Today we're posting a chart of the S&P 500 ETF, SPY
*. Chart is from
Tradingview.com and you can double-click on this to make it larger if you'd like. Folks, you're looking at a chart that's gone parabolic in the past week. The better than 3% move we've seen does not occur all that often. Short sellers of the S&P 500 have been ripped to shreds. As always we need to look at the tea leaves and frankly right now they're a bit murkier than normal.
On one hand a move like this sometimes comes towards the end of an advance and could be representative of too much enthusiasm by investors. In that interpretation we are moving towards a climatic change in market direction. Under that thinking then we would look for a reversal in the index sooner rather than later. The fundamentalists would point out that stocks are now expensive after such a move higher and don't support prices at these levels.
A different interpretation would say that the market is discounting a better business environment in the coming Trump Administration and the coming changes will impact corporate earnings to the positive going forward. They would argue that stocks might even be cheap if earnings improve as much as the optimists think we could see. To that point I'd note the sort of parabolic move we've seen since the election is the sort of thing often associated with market bottoms. The problem with that interpretation is that at market bottoms sentiment is usually negative and right now it's pretty good.
I think there's good arguments for both views but markets may be caught up more in seasonal directions than anything else. There are 15 trading days left in 2016, including today. Investors with profits are probably looking to hold onto those gains now and will wait to sell into the new year.
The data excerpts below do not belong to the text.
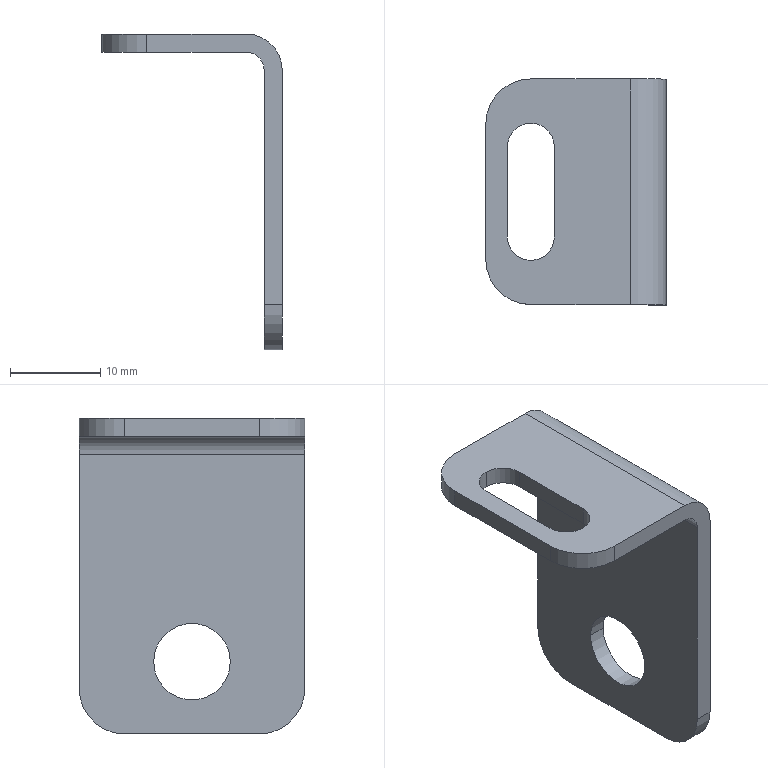Component | SolidWorks | YX-04-119GlueFeedingProximitySwitchFixingPlate-1 | 1 solid | 21 faces | box 20 x 25 x 35 mm | volume 2283 mm3 | cylinder 11 | plane 10 | commonest cylinder face diameters 10 x4 5.2 x3 8.5 x2 4 x1 8 x1 | material SUS340
build123d program:
from build123d import *

# Parameters (mm, degrees)
SKETCH1_W                      = 35
SKETCH1_H                      = 25
BOSS_EXTRUDE1_DEPTH            = 20
SKETCH2_W                      = 33
SKETCH2_H                      = 18
CUT_EXTRUDE1_DEPTH             = 48.434
CUT_EXTRUDE2_DEPTH             = 43.205
F_8_5_8_5_DIAMETER_HOLE1_D     = 8.5
F_8_5_8_5_DIAMETER_HOLE1_DEPTH = 20
FILLET1_R                      = 2
FILLET2_R                      = 4
FILLET3_R                      = 5


with BuildPart() as part:
    # Sketch1 → Boss-Extrude1 (new body)
    with BuildSketch(Plane(origin=(0, 20, 0), x_dir=(1, 0, 0), z_dir=(0, 1, 0))):
        with Locations((17.5, 0)):
            Rectangle(SKETCH1_W, SKETCH1_H)
    extrude(amount=-BOSS_EXTRUDE1_DEPTH)

    # Sketch2 → Cut-Extrude1 (cut, through all)
    with BuildSketch(Plane.XY.offset(12.5)):
        with Locations((18.5, 11)):
            Rectangle(SKETCH2_W, SKETCH2_H)
    extrude(amount=-CUT_EXTRUDE1_DEPTH, mode=Mode.SUBTRACT)

    # Sketch3 → Cut-Extrude2 (cut, through all)
    with BuildSketch(Plane.ZY):
        with BuildLine():
            Line((5, 17.6), (-5, 17.6))
            ThreePointArc((-5, 17.6), (-7.6, 15), (-5, 12.4))
            Line((-5, 12.4), (5, 12.4))
            ThreePointArc((5, 12.4), (7.6, 15), (5, 17.6))
        make_face()
    extrude(amount=-CUT_EXTRUDE2_DEPTH, mode=Mode.SUBTRACT)

    # 8.5 _8.5_ Diameter Hole1
    with Locations(Plane(origin=(0, 0, 0), x_dir=(-1, 0, 0), z_dir=(0, -1, 0))):
        with Locations((-27, 0)):
            Hole(F_8_5_8_5_DIAMETER_HOLE1_D / 2, depth=F_8_5_8_5_DIAMETER_HOLE1_DEPTH)

    # Fillet1
    fillet1_edges = [part.edges().sort_by_distance(p)[0] for p in [
        (2, 2, 0),
    ]]
    fillet(fillet1_edges, radius=FILLET1_R)

    # Fillet2
    fillet2_edges = [part.edges().sort_by_distance(p)[0] for p in [
        (0, 0, 0),
    ]]
    fillet(fillet2_edges, radius=FILLET2_R)

    # Fillet3
    fillet3_edges = [part.edges().sort_by_distance(p)[0] for p in [
        (1, 20, -12.5),
        (1, 20, 12.5),
        (35, 1, -12.5),
        (35, 1, 12.5),
    ]]
    fillet(fillet3_edges, radius=FILLET3_R)


solid = part.part

# Placed as in the assembly
solid = solid.moved(Location((-13.397, 26.962, 194), (-90, 0, 90)))
STEP:
#1=CARTESIAN_POINT('',(-0.6062,1.229,6.575));
#2=VERTEX_POINT('',#1);
#3=CARTESIAN_POINT('',(-0.6062,0.8942,6.575));
#4=VERTEX_POINT('',#3);
#5=CARTESIAN_POINT('',(-0.6062,1.061,6.575));
#6=DIRECTION('',(1.,0.,0.));
#7=DIRECTION('',(0.,-1.,0.));
#8=AXIS2_PLACEMENT_3D('',#5,#6,#7);
#9=CIRCLE('',#8,0.1673);
#10=EDGE_CURVE('',#2,#4,#9,.T.);
#11=ORIENTED_EDGE('',*,*,#10,.F.);
#12=CARTESIAN_POINT('',(-0.5275,1.229,6.575));
#13=VERTEX_POINT('',#12);
#14=CARTESIAN_POINT('',(-0.5275,1.229,6.575));
#15=DIRECTION('',(1.,0.,0.));
#16=VECTOR('',#15,39.37);
#17=LINE('',#14,#16);
#18=EDGE_CURVE('',#2,#13,#17,.T.);
#19=ORIENTED_EDGE('',*,*,#18,.T.);
#20=CARTESIAN_POINT('',(-0.5275,0.8942,6.575));
#21=VERTEX_POINT('',#20);
#22=CARTESIAN_POINT('',(-0.5275,1.061,6.575));
#23=DIRECTION('',(1.,0.,0.));
#24=DIRECTION('',(0.,-1.,0.));
#25=AXIS2_PLACEMENT_3D('',#22,#23,#24);
#26=CIRCLE('',#25,0.1673);
#27=EDGE_CURVE('',#13,#21,#26,.T.);
#28=ORIENTED_EDGE('',*,*,#27,.T.);
#29=CARTESIAN_POINT('',(-0.5275,0.8942,6.575));
#30=DIRECTION('',(1.,0.,0.));
#31=VECTOR('',#30,39.37);
#32=LINE('',#29,#31);
#33=EDGE_CURVE('',#4,#21,#32,.T.);
#34=ORIENTED_EDGE('',*,*,#33,.F.);
#35=EDGE_LOOP('',(#11,#19,#28,#34));
#36=FACE_OUTER_BOUND('',#35,.T.);
#37=CARTESIAN_POINT('',(-0.5275,1.061,6.575));
#38=DIRECTION('',(1.,0.,0.));
#39=DIRECTION('',(0.,-1.,0.));
#40=AXIS2_PLACEMENT_3D('',#37,#38,#39);
#41=CYLINDRICAL_SURFACE('',#40,0.1673);
#42=ADVANCED_FACE('',(#36),#41,.F.);
#43=CARTESIAN_POINT('',(-1.118,1.361,7.559));
#44=VERTEX_POINT('',#43);
#45=CARTESIAN_POINT('',(-1.22,1.258,7.559));
#46=VERTEX_POINT('',#45);
#47=CARTESIAN_POINT('',(-1.118,1.258,7.559));
#48=DIRECTION('',(0.,0.,1.));
#49=DIRECTION('',(1.,0.,0.));
#50=AXIS2_PLACEMENT_3D('',#47,#48,#49);
#51=CIRCLE('',#50,0.1024);
#52=EDGE_CURVE('',#44,#46,#51,.T.);
#53=ORIENTED_EDGE('',*,*,#52,.F.);
#54=CARTESIAN_POINT('',(-1.118,1.361,7.638));
#55=VERTEX_POINT('',#54);
#56=CARTESIAN_POINT('',(-1.118,1.361,6.26));
#57=DIRECTION('',(-0.,0.,1.));
#58=VECTOR('',#57,39.37);
#59=LINE('',#56,#58);
#60=EDGE_CURVE('',#44,#55,#59,.T.);
#61=ORIENTED_EDGE('',*,*,#60,.T.);
#62=CARTESIAN_POINT('',(-1.22,1.258,7.638));
#63=VERTEX_POINT('',#62);
#64=CARTESIAN_POINT('',(-1.118,1.258,7.638));
#65=DIRECTION('',(-0.,0.,1.));
#66=DIRECTION('',(0.,1.,0.));
#67=AXIS2_PLACEMENT_3D('',#64,#65,#66);
#68=CIRCLE('',#67,0.1024);
#69=EDGE_CURVE('',#55,#63,#68,.T.);
#70=ORIENTED_EDGE('',*,*,#69,.T.);
#71=CARTESIAN_POINT('',(-1.22,1.258,6.26));
#72=DIRECTION('',(-0.,0.,1.));
#73=VECTOR('',#72,39.37);
#74=LINE('',#71,#73);
#75=EDGE_CURVE('',#46,#63,#74,.T.);
#76=ORIENTED_EDGE('',*,*,#75,.F.);
#77=EDGE_LOOP('',(#53,#61,#70,#76));
#78=FACE_OUTER_BOUND('',#77,.T.);
#79=CARTESIAN_POINT('',(-1.118,1.258,6.26));
#80=DIRECTION('',(-0.,0.,1.));
#81=DIRECTION('',(0.,1.,0.));
#82=AXIS2_PLACEMENT_3D('',#79,#80,#81);
#83=CYLINDRICAL_SURFACE('',#82,0.1024);
#84=ADVANCED_FACE('',(#78),#83,.F.);
#85=CARTESIAN_POINT('',(-1.016,1.258,7.638));
#86=VERTEX_POINT('',#85);
#87=CARTESIAN_POINT('',(-1.118,1.258,7.638));
#88=DIRECTION('',(-0.,0.,1.));
#89=DIRECTION('',(0.,1.,0.));
#90=AXIS2_PLACEMENT_3D('',#87,#88,#89);
#91=CIRCLE('',#90,0.1024);
#92=EDGE_CURVE('',#86,#55,#91,.T.);
#93=ORIENTED_EDGE('',*,*,#92,.F.);
#94=CARTESIAN_POINT('',(-1.016,0.8646,7.638));
#95=VERTEX_POINT('',#94);
#96=CARTESIAN_POINT('',(-1.016,0.8646,7.638));
#97=DIRECTION('',(-0.,1.,-0.));
#98=VECTOR('',#97,39.37);
#99=LINE('',#96,#98);
#100=EDGE_CURVE('',#95,#86,#99,.T.);
#101=ORIENTED_EDGE('',*,*,#100,.F.);
#102=CARTESIAN_POINT('',(-1.22,0.8646,7.638));
#103=VERTEX_POINT('',#102);
#104=CARTESIAN_POINT('',(-1.118,0.8646,7.638));
#105=DIRECTION('',(-0.,0.,1.));
#106=DIRECTION('',(0.,1.,0.));
#107=AXIS2_PLACEMENT_3D('',#104,#105,#106);
#108=CIRCLE('',#107,0.1024);
#109=EDGE_CURVE('',#103,#95,#108,.T.);
#110=ORIENTED_EDGE('',*,*,#109,.F.);
#111=CARTESIAN_POINT('',(-1.22,1.258,7.638));
#112=DIRECTION('',(0.,-1.,0.));
#113=VECTOR('',#112,39.37);
#114=LINE('',#111,#113);
#115=EDGE_CURVE('',#63,#103,#114,.T.);
#116=ORIENTED_EDGE('',*,*,#115,.F.);
#117=ORIENTED_EDGE('',*,*,#69,.F.);
#118=EDGE_LOOP('',(#93,#101,#110,#116,#117));
#119=FACE_BOUND('',#118,.T.);
#120=CARTESIAN_POINT('',(-1.315,0.7662,7.638));
#121=VERTEX_POINT('',#120);
#122=CARTESIAN_POINT('',(-1.315,1.357,7.638));
#123=VERTEX_POINT('',#122);
#124=CARTESIAN_POINT('',(-1.315,0.5694,7.638));
#125=DIRECTION('',(-0.,1.,-0.));
#126=VECTOR('',#125,39.37);
#127=LINE('',#124,#126);
#128=EDGE_CURVE('',#121,#123,#127,.T.);
#129=ORIENTED_EDGE('',*,*,#128,.F.);
#130=CARTESIAN_POINT('',(-1.118,0.5694,7.638));
#131=VERTEX_POINT('',#130);
#132=CARTESIAN_POINT('',(-1.118,0.7662,7.638));
#133=DIRECTION('',(-0.,0.,1.));
#134=DIRECTION('',(0.,1.,0.));
#135=AXIS2_PLACEMENT_3D('',#132,#133,#134);
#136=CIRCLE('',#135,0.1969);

Hopes of a more favorable tax treatment in a coming Trump Administration and at the very least desiring to avoid having to pay those taxes for another year should dampen sellers. Also it is easy to see how money managers might want to keep pouring it on now. Many are behind the performance eight ball and will be looking to catch up as much as possible. Remember, the only print Wall Street cares about is the one that shows up at 4:00 PM EST on the last trading day of the year. That's the number that follows them for the rest of their careers and the number on which they get paid.
Based on that probability suggests a market that should hold together into 2017 right now. I'm not saying we won't see any profit taking. A move higher like this should flush out some folks wanting to lock in these gains. But you need more sellers than buyers for stocks to have a much more sustained decline and right now there is a higher probability that they have gone hiding. If that's the case then look for a more consolidating sort of sell off. That would be shallow and not for more than a few days. In that scenario stocks stabilize and even potentially move higher into the new year. Then the debate will be whether or not we've stolen some of next year's advance into the end of 2016.
*Long ETFs related to SPY in client and personal accounts although positions can change at any time without notice or dissemination on any other form of electronic media.